Technical requirements
Shared these insights with our AI team and broke down the technical requirements.

Collaborating closely
with design + Eng
I sketched wireframes of the core interface functionalities based on my understanding of the system architecture
Priortization and Roadmapping
Used Impact vs. Effort Matrix to prioritize and test our ideas fast
Given the technical complexity of the solution we needed to build, I had to plan and fully roadmap our feature set beforehand so that (1) the engineering team can build each step quickly and (2) so we can put something in the hands of users to test hypothesis.

ROADBLOCK
Users still felt our product was a black box, and it didn’t spark trust
Bringing teams together to build, test, and improve fast
Facilitated cross-functional collaboration between design, engineering, and users to develop and validate a minimal functional product bi-weekly. Leveraged agile methodologies to iterate rapidly, incorporating incremental features based on user feedback and strategic priorities.
Building Trust with ai
Transparency and user agency are key to rebuilding trust in AI
Building Trust: I laid out a human-in-the-loop AI training system with two core principles
Show the model's output transparently
Make them feel that the model's confidence scores were well calibrated
Motivate the analysts to make corrections
and show their corrections having an impact on the model performance.
For each document, we had a set of extracted fields with confidence scores. Users could review and verify extracted data, correcting any inaccuracies
Surfaced data with low confidence scores at the top, allowing users to focus on verifying uncertain data first
Every 50 corrections, we'd retrain the model and show the updated performance on their data - continually improving its accuracy over time.

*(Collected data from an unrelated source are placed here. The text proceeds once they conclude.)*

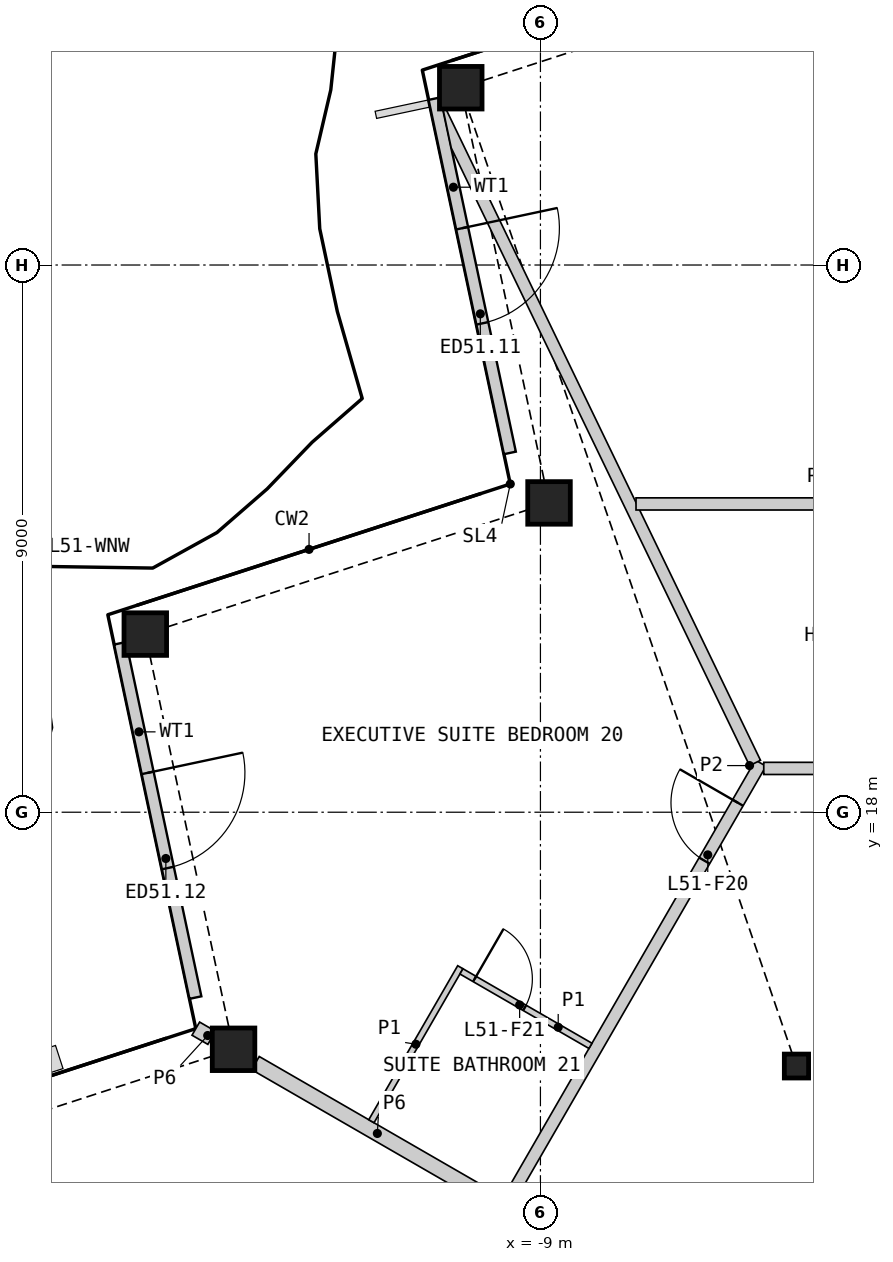
"""IFC4 building model, lengths in metres.
Left out: names, types, materials, properties, quantities, classifications, styles, units other than length and angle.
Written with IfcOpenShell. Run it as: python <this file> out.ifc"""

import sys

from ifc_helpers import new_model, si_unit, direction, frame, frame_2d, origin, origin_2d, place, context, subcontext, project, spatial, polyline, rectangle, hollow_rectangle, i_section, outline, extrude, element, fill, save


model = new_model("IFC4")
c1 = context("Model", 3, precision=1e-05, world=origin(), true_north=direction((0.0, 1.0)))
c2 = subcontext(c1, "Body", "Model", "MODEL_VIEW")
j1 = project(units=[si_unit("LENGTHUNIT", "METRE"), si_unit("PLANEANGLEUNIT", "RADIAN")], contexts=[c1])
p1 = place(None, origin())
s1 = spatial("IfcSite", under=j1, at=p1, CompositionType="ELEMENT")
p2 = place(p1, origin())
s2 = spatial("IfcBuilding", under=s1, at=p2, CompositionType="ELEMENT")
p3 = place(p2, frame((0.0, 0.0, 234.6)))
s3 = spatial("IfcBuildingStorey", under=s2, at=p3, CompositionType="ELEMENT", Elevation=234.6)
for number, where, z_axis, x_axis in (
    (1, (-10.31, 29.916, 0.0), (0.0, 0.0, 1.0), (1.0, 0.0, 0.0)),
    (2, (-8.859, 23.087, 0.0), (0.0, 0.0, 1.0), (1.0, 0.0, 0.0)),
    (3, (-15.499, 20.93, 0.0), (0.0, 0.0, 1.0), (1.0, 0.0, 0.0)),
    (4, (-14.047, 14.101, 0.0), (0.0, 0.0, 1.0), (1.0, 0.0, 0.0)),
):
    element("IfcColumn", number, at=place(p3, frame(where, z_axis=z_axis, x_axis=x_axis)), inside=s3, PredefinedType="COLUMN", context=c2, shape_type="SweptSolid", body=[
        extrude(hollow_rectangle(XDim=0.7, YDim=0.7, WallThickness=0.045, at=origin_2d()), origin(), (0.0, 0.0, 1.0), 3.6),
    ])
p4 = place(p3, frame((-4.789, 13.825, 0.0), z_axis=(0.0, 0.0, 1.0), x_axis=(1.0, 0.0, 0.0)))
e5 = element("IfcColumn", 5, at=p4, inside=s3, PredefinedType="COLUMN", context=c2, shape_type="SweptSolid", body=[
    extrude(i_section(OverallWidth=0.399, OverallDepth=0.393, WebThickness=0.023, FlangeThickness=0.037, at=origin_2d()), origin(), (0.0, 0.0, 1.0), 3.6),
])
p5 = place(p3, frame((-10.741, 29.737, 0.0), z_axis=(0.0, 0.0, 1.0), x_axis=(0.207891593624, -0.978151872308, 0.0)))
e6 = element("IfcWall", 6, at=p5, inside=s3, PredefinedType="SOLIDWALL", context=c2, shape_type="SweptSolid", body=[
    extrude(rectangle(XDim=5.958, YDim=0.2, at=frame_2d((2.979, 0.0))), origin(), (0.0, 0.0, 1.0), 2.701),
])
p6 = place(p5, frame((2.179, 0.0, 0.0)))
e7 = element("IfcOpeningElement", 7, at=p6, cuts=e6, PredefinedType="OPENING", context=c2, shape_type="SweptSolid", body=[
    extrude(rectangle(XDim=1.6, YDim=2.4, at=frame_2d((0.8, 1.2))), frame((0.0, 0.11, 0.0), z_axis=(0.0, -1.0, 0.0), x_axis=(1.0, 0.0, 0.0)), (0.0, 0.0, 1.0), 0.22),
])
p7 = place(p3, frame((-15.913, 20.779, 0.0), z_axis=(0.0, 0.0, 1.0), x_axis=(0.207930802022, -0.978143538327, 0.0)))
e8 = element("IfcWall", 8, at=p7, inside=s3, PredefinedType="SOLIDWALL", context=c2, shape_type="SweptSolid", body=[
    extrude(rectangle(XDim=5.958, YDim=0.2, at=frame_2d((2.979, 0.0))), origin(), (0.0, 0.0, 1.0), 2.701),
])
p8 = place(p7, frame((2.179, 0.0, 0.0)))
e9 = element("IfcOpeningElement", 9, at=p8, cuts=e8, PredefinedType="OPENING", context=c2, shape_type="SweptSolid", body=[
    extrude(rectangle(XDim=1.6, YDim=2.4, at=frame_2d((0.8, 1.2))), frame((0.0, 0.11, 0.0), z_axis=(0.0, -1.0, 0.0), x_axis=(1.0, 0.0, 0.0)), (0.0, 0.0, 1.0), 0.22),
])
p9 = place(p3, frame((-18.976, -4.747, 0.0), z_axis=(0.0, 0.0, 1.0), x_axis=(0.499999852422, 0.866025488988, 0.0)))
e10 = element("IfcWall", 10, at=p9, inside=s3, PredefinedType="PARTITIONING", context=c2, shape_type="SweptSolid", body=[
    extrude(rectangle(XDim=27.198, YDim=0.2, at=frame_2d((13.599, 0.0))), origin(), (0.0, 0.0, 1.0), 3.25),
])
p10 = place(p9, frame((25.346, 0.0, 0.0)))
e11 = element("IfcOpeningElement", 11, at=p10, cuts=e10, PredefinedType="OPENING", context=c2, shape_type="SweptSolid", body=[
    extrude(rectangle(XDim=1.1, YDim=2.1, at=frame_2d((0.55, 1.05))), frame((0.0, 0.11, 0.0), z_axis=(0.0, -1.0, 0.0), x_axis=(1.0, 0.0, 0.0)), (0.0, 0.0, 1.0), 0.22),
])
p11 = place(p9, frame((16.713, 0.0, 0.0)))
e12 = element("IfcOpeningElement", 12, at=p11, cuts=e10, PredefinedType="OPENING", context=c2, shape_type="SweptSolid", body=[
    extrude(rectangle(XDim=1.1, YDim=2.1, at=frame_2d((0.55, 1.05))), frame((0.0, 0.11, 0.0), z_axis=(0.0, -1.0, 0.0), x_axis=(1.0, 0.0, 0.0)), (0.0, 0.0, 1.0), 0.22),
])
p12 = place(p9, frame((0.35, 0.0, 0.0)))
e13 = element("IfcOpeningElement", 13, at=p12, cuts=e10, PredefinedType="OPENING", context=c2, shape_type="SweptSolid", body=[
    extrude(rectangle(XDim=1.1, YDim=2.1, at=frame_2d((0.55, 1.05))), frame((0.0, 0.11, 0.0), z_axis=(0.0, -1.0, 0.0), x_axis=(1.0, 0.0, 0.0)), (0.0, 0.0, 1.0), 0.22),
])
p13 = place(p3, frame((-13.687, 13.874, 0.0), z_axis=(0.0, 0.0, 1.0), x_axis=(0.866034555462, -0.499984148495, 0.0)))
e14 = element("IfcWall", 14, at=p13, inside=s3, PredefinedType="PARTITIONING", context=c2, shape_type="SweptSolid", body=[
    extrude(rectangle(XDim=4.63, YDim=0.25, at=frame_2d((2.315, 0.0))), origin(), (0.0, 0.0, 1.0), 2.404),
])
p14 = place(p3, frame((-5.327, 18.72, 0.0), z_axis=(0.0, 0.0, 1.0), x_axis=(1.0, 0.0, 0.0)))
e15 = element("IfcWall", 15, at=p14, inside=s3, PredefinedType="PARTITIONING", context=c2, shape_type="SweptSolid", body=[
    extrude(rectangle(XDim=3.002, YDim=0.2, at=frame_2d((1.501, 0.0))), origin(), (0.0, 0.0, 1.0), 3.25),
])
p15 = place(p3, frame((-14.668, 14.44, 0.0), z_axis=(0.0, 0.0, 1.0), x_axis=(0.865888485494, -0.500237074485, 0.0)))
e16 = element("IfcWall", 16, at=p15, inside=s3, PredefinedType="PARTITIONING", context=c2, shape_type="SweptSolid", body=[
    extrude(rectangle(XDim=0.301, YDim=0.25, at=frame_2d((0.15, 0.0))), origin(), (0.0, 0.0, 1.0), 2.404),
])
p16 = place(p3, origin())
e17 = element("IfcWall", 17, at=p16, inside=s3, PredefinedType="PARTITIONING", context=c2, shape_type="SweptSolid", body=[
    extrude(outline(polyline([(-5.561, 18.767), (-10.466, 28.923), (-10.64, 29.745), (-5.381, 18.854), (-5.561, 18.767)])), origin(), (0.0, 0.0, 1.0), 2.404),
])
p17 = place(p3, frame((-7.428, 23.071, 0.0), z_axis=(0.0, 0.0, 1.0), x_axis=(1.0, 0.0, 0.0)))
e18 = element("IfcWall", 18, at=p17, inside=s3, PredefinedType="PARTITIONING", context=c2, shape_type="SweptSolid", body=[
    extrude(rectangle(XDim=12.002, YDim=0.2, at=frame_2d((6.001, 0.0))), origin(), (0.0, 0.0, 1.0), 2.404),
])
p18 = place(p17, frame((5.275, 0.0, 0.0)))
e19 = element("IfcOpeningElement", 19, at=p18, cuts=e18, PredefinedType="OPENING", context=c2, shape_type="SweptSolid", body=[
    extrude(rectangle(XDim=0.95, YDim=2.1, at=frame_2d((0.475, 1.05))), frame((0.0, 0.11, 0.0), z_axis=(0.0, -1.0, 0.0), x_axis=(1.0, 0.0, 0.0)), (0.0, 0.0, 1.0), 0.22),
])
p19 = place(p3, frame((-11.78, 12.917, 0.0), z_axis=(0.0, 0.0, 1.0), x_axis=(0.499999433879, 0.866025730634, 0.0)))
e20 = element("IfcWall", 20, at=p19, inside=s3, PredefinedType="PARTITIONING", context=c2, shape_type="SweptSolid", body=[
    extrude(rectangle(XDim=2.925, YDim=0.1, at=frame_2d((1.462, 0.0))), origin(), (0.0, 0.0, 1.0), 2.404),
])
p20 = place(p3, frame((-10.299, 15.382, 0.0), z_axis=(0.0, 0.0, 1.0), x_axis=(0.866057815567, -0.499943856944, 0.0)))
e21 = element("IfcWall", 21, at=p20, inside=s3, PredefinedType="PARTITIONING", context=c2, shape_type="SweptSolid", body=[
    extrude(rectangle(XDim=2.45, YDim=0.1, at=frame_2d((1.225, 0.0))), origin(), (0.0, 0.0, 1.0), 2.404),
])
p21 = place(p20, frame((0.25, 0.0, 0.0)))
e22 = element("IfcOpeningElement", 22, at=p21, cuts=e21, PredefinedType="OPENING", context=c2, shape_type="SweptSolid", body=[
    extrude(rectangle(XDim=0.95, YDim=2.1, at=frame_2d((0.475, 1.05))), frame((0.0, 0.06, 0.0), z_axis=(0.0, -1.0, 0.0), x_axis=(1.0, 0.0, 0.0)), (0.0, 0.0, 1.0), 0.12),
])
p22 = place(p6, origin())
e23 = element("IfcDoor", 23, at=p22, inside=s3, OperationType="DOUBLE_DOOR_SINGLE_SWING", PredefinedType="DOOR", context=c2, shape_type="SweptSolid", body=[
    extrude(rectangle(XDim=1.6, YDim=2.4, at=frame_2d((0.8, 1.2))), frame((0.0, 0.025, 0.0), z_axis=(0.0, -1.0, 0.0), x_axis=(1.0, 0.0, 0.0)), (0.0, 0.0, 1.0), 0.05),
])
fill(e7, e23)
p23 = place(p8, origin())
e24 = element("IfcDoor", 24, at=p23, inside=s3, OperationType="DOUBLE_DOOR_SINGLE_SWING", PredefinedType="DOOR", context=c2, shape_type="SweptSolid", body=[
    extrude(rectangle(XDim=1.6, YDim=2.4, at=frame_2d((0.8, 1.2))), frame((0.0, 0.025, 0.0), z_axis=(0.0, -1.0, 0.0), x_axis=(1.0, 0.0, 0.0)), (0.0, 0.0, 1.0), 0.05),
])
fill(e9, e24)
p24 = place(p10, origin())
e25 = element("IfcDoor", 25, at=p24, inside=s3, OperationType="SINGLE_SWING_RIGHT", PredefinedType="DOOR", context=c2, shape_type="SweptSolid", body=[
    extrude(rectangle(XDim=1.1, YDim=2.1, at=frame_2d((0.55, 1.05))), frame((0.0, 0.025, 0.0), z_axis=(0.0, -1.0, 0.0), x_axis=(1.0, 0.0, 0.0)), (0.0, 0.0, 1.0), 0.05),
])
fill(e11, e25)
p25 = place(p21, origin())
e26 = element("IfcDoor", 26, at=p25, inside=s3, OperationType="SINGLE_SWING_LEFT", PredefinedType="DOOR", context=c2, shape_type="SweptSolid", body=[
    extrude(rectangle(XDim=0.95, YDim=2.1, at=frame_2d((0.475, 1.05))), frame((0.0, 0.025, 0.0), z_axis=(0.0, -1.0, 0.0), x_axis=(1.0, 0.0, 0.0)), (0.0, 0.0, 1.0), 0.05),
])
fill(e22, e26)
save(model, sys.argv[1])

This allowed us to build trust in two stages:
First when users realized that they could trust the model's confidence scores
Second, when users saw the model learn from their corrections
outcome
We launched Artemis 1.0 two weeks ahead of schedule!
This project really drove home how important it is to understand what users actually need and to build trust by being transparent and involving them every step of the way. Honestly, it was exciting to see how combining AI with thoughtful design could not only tackle a really tricky technical problem but also win over skeptical users. The success of Artemis showed me firsthand that when you align innovative tech with a user-first approach, you create solutions that truly make an impact—and deliver real business value
Reduced processing time (north star metric) from 20 mins to 2 mins per document
with 95% data extraction accuracy
Secured a $1.2 million annual contract
Reflection
For AI products, building trust is just as important as the functional product experience
“Working on this project taught me that for AI products, building trust is just as important as delivering a great functional experience. I realized how critical it is to truly understand user needs and involve them every step of the way, especially when skepticism is high. By combining innovation with thoughtful design choices, we didn’t just solve a tough technical challenge—we built transparency and trust with our users. Seeing the success of Artemis firsthand reinforced for me that aligning innovation with user-centric design can create solutions that are not only impactful but also deeply valued by the people who use them.”